# Wibau See in Rutzing!



## PikeHunter89 (29. Februar 2008)

hallo!

fische dieses jahr am rutzinger see und wollte mal fragen ob hier sonst noch wer an diesem see angelt...


vielleicht könnte man mal gemeinsam angeln,bin morgen schon um 5 uhr früh da^^


----------



## Lenzibald (29. Februar 2008)

*AW: Wibau See in Rutzing!*

Servus.
Hatte die Jahreskarte einmal nie wieder. Im Sommer voller Badebetrieb, Kontrollen zum teil 3mal am Tag und so weiter. Kontrollore machen nichts gegen Badegäste also wie gesagt nie wieder diesen See.
MFG

Lenzi


----------



## PikeHunter89 (29. Februar 2008)

*AW: Wibau See in Rutzing!*

ich hatte ihn 2005

das mit den badegästen ist schon verständlich,aber in der rechten oberen ecke von der einfahrt aus stehen dann meistens die karpfen hechte etc. auch in der linken vorwiegend dicke kilo schleien....

deshalb finde ich ist das kein problem...

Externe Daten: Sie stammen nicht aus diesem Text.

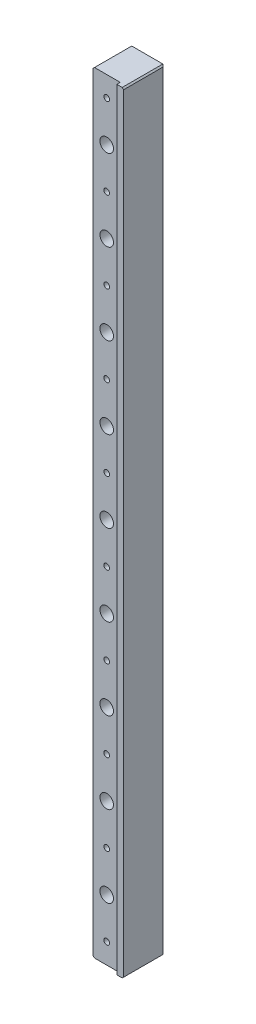
SolidWorks part; units mm, degrees
material "Q235-A"
ref_plane "Front/Back" through (0, 0, 0) normal (0, 0, 1) x (1, 0, 0)
ref_plane "Top/Bottom" through (0, 0, 0) normal (0, 1, 0) x (1, 0, 0)
ref_plane "Right/Left" through (0, 0, 0) normal (1, 0, 0) x (0, 0, -1)
sketch "Sketch1" plane through (0, 0, 0) normal (0, 0, 1) x (1, 0, 0)
  line L0 (-12.5, -285) -> (12.5, 285) construction
  line L1 (-12.5, 285) -> (12.5, 285)
  line L2 (-12.5, 285) -> (-12.5, -285)
  line L3 (-12.5, -285) -> (12.5, -285)
  line L4 (12.5, 285) -> (12.5, -285)
  point P4 (0, 0)
  dimension "D1" = 25
  dimension "D2" = 570
extrude "Extrude1" add sketch "Sketch1" along normal mid plane 30
chamfer "Chamfer1" distance 1 angle 45 4 edges at (12.5, 285, 0) (-12.5, 285, 0) (12.5, -285, 0) (-12.5, -285, 0)
sketch "草图1" plane through (0, 0, 15) normal (0, 0, 1) x (1, 0, 0)
  line L0 (-11.5, -285) -> (11.5, -285) construction
  line L3 (-12.5, 285) -> (7.5, 285)
  line L6 (0, 285) -> (0, -286.2731) construction
  line L7 (11.5, 285) -> (-11.5, 285) construction
  line L9 (-12.5, 285) -> (-12.5, -285)
  line L10 (-12.5, -285) -> (7.5, -285)
  line L11 (7.5, 285) -> (7.5, -285)
  line L12 (12.5, -284) -> (12.5, 284) construction
  line L13 (11.5, 285) -> (-11.5, 285) construction
  line L14 (-12.5, 284) -> (-12.5, -284) construction
  dimension "D1" = 5
extrude "Cut-Extrude1" cut sketch "草图1" against normal blind 2.5
chamfer "Chamfer2" distance 1 angle 45 2 edges at (12.5, 0, -15) (-12.5, 0, -15)
hole_wizard "M5 Tapped Hole1" positions "Sketch2" profile "Sketch3" tap size "M5" standard "GB"
sketch "Sketch2" plane through (0, 0, 12.5) normal (0, 0, 1) x (1, 0, 0)
  point P0 (-2.5, -270)
  point P5 (-2.5, -210)
  point P8 (-2.5, -150)
  point P11 (-2.5, -90)
  point P14 (-2.5, -30)
  point P17 (-2.5, 30)
  point P22 (-2.5, 90)
  point P25 (-2.5, 150)
  point P28 (-2.5, 210)
  point P31 (-2.5, 270)
sketch "Sketch3" plane through (-2.5, -270, 12.5) normal (1, 0, 0) x (0, -1, 0)
  line L0 (0, 0) -> (0, 15.2618)
  line L1 (0, 15.2618) -> (2.1, 14)
  line L2 (2.1, 14) -> (2.1, 0)
  line L5 (2.1, 0) -> (0, 0)
  line L10 (0, 15.2618) -> (-2.1, 14) construction
  line L11 (0, -6.35) -> (0, 107.95) construction
  dimension "螺纹孔钻头直径" = 4.2
  dimension "螺纹孔钻头深度" = 14
  dimension "导头角度" = 118
cosmetic thread "Cosmetic thread 1" parameters "D1"=10, "D2"=5
cosmetic thread "Cosmetic thread 2" parameters "D1"=10, "D2"=5
cosmetic thread "Cosmetic thread 3" parameters "D1"=10, "D2"=5
cosmetic thread "Cosmetic thread 4" parameters "D1"=10, "D2"=5
cosmetic thread "Cosmetic thread 5" parameters "D1"=10, "D2"=5
cosmetic thread "Cosmetic thread 6" parameters "D1"=10, "D2"=5
cosmetic thread "Cosmetic thread 7" parameters "D1"=10, "D2"=5
cosmetic thread "Cosmetic thread 8" parameters "D1"=10, "D2"=5
cosmetic thread "Cosmetic thread 9" parameters "D1"=10, "D2"=5
cosmetic thread "Cosmetic thread 10" parameters "D1"=10, "D2"=5
hole_wizard "Hole size (per socket head cap screw type)1" positions "Sketch4" profile "Sketch5" counterbore size "M5" standard "GB" end condition through all
sketch "Sketch4" plane through (0, 0, 12.5) normal (0, 0, 1) x (1, 0, 0)
  line L0 (-2.5, 270) -> (-2.5, 210)
  point P0 (-2.5, 240)
sketch "Sketch5" plane through (-2.5, 240, 12.5) normal (1, 0, 0) x (0, -1, 0)
  line L0 (0, 0) -> (0, 27.5)
  line L1 (0, 27.5) -> (2.75, 27.5)
  line L3 (2.75, 27.5) -> (2.75, 8)
  line L4 (2.75, 8) -> (5, 8)
  line L5 (5, 8) -> (5, 0)
  line L7 (5, 0) -> (0, 0)
  line L11 (0, -6.35) -> (0, 107.95) construction
  dimension "通孔孔直径" = 5.5
  dimension "通孔孔深度" = 27.5
  dimension "柱形沉头孔直径" = 10
  dimension "柱形沉头孔深度" = 8
pattern_linear "LPattern1" count 9 spacing 60 along (0, -1, 0) of "Hole size (per socket head cap screw type)1"

und ne abkühlung ab und zu ist auch ned schlecht:q

waren die badegäste auch im fischereibereich?


----------



## Lenzibald (1. März 2008)

*AW: Wibau See in Rutzing!*

Servus. Das war ja das Problem die waren überall Baden und mit Schlauchbooten unterwegs. Als ich dann den Konti angesprochen hab das er was machen soll da ich Fischen möchte meinte er da kann man nichts machen.


----------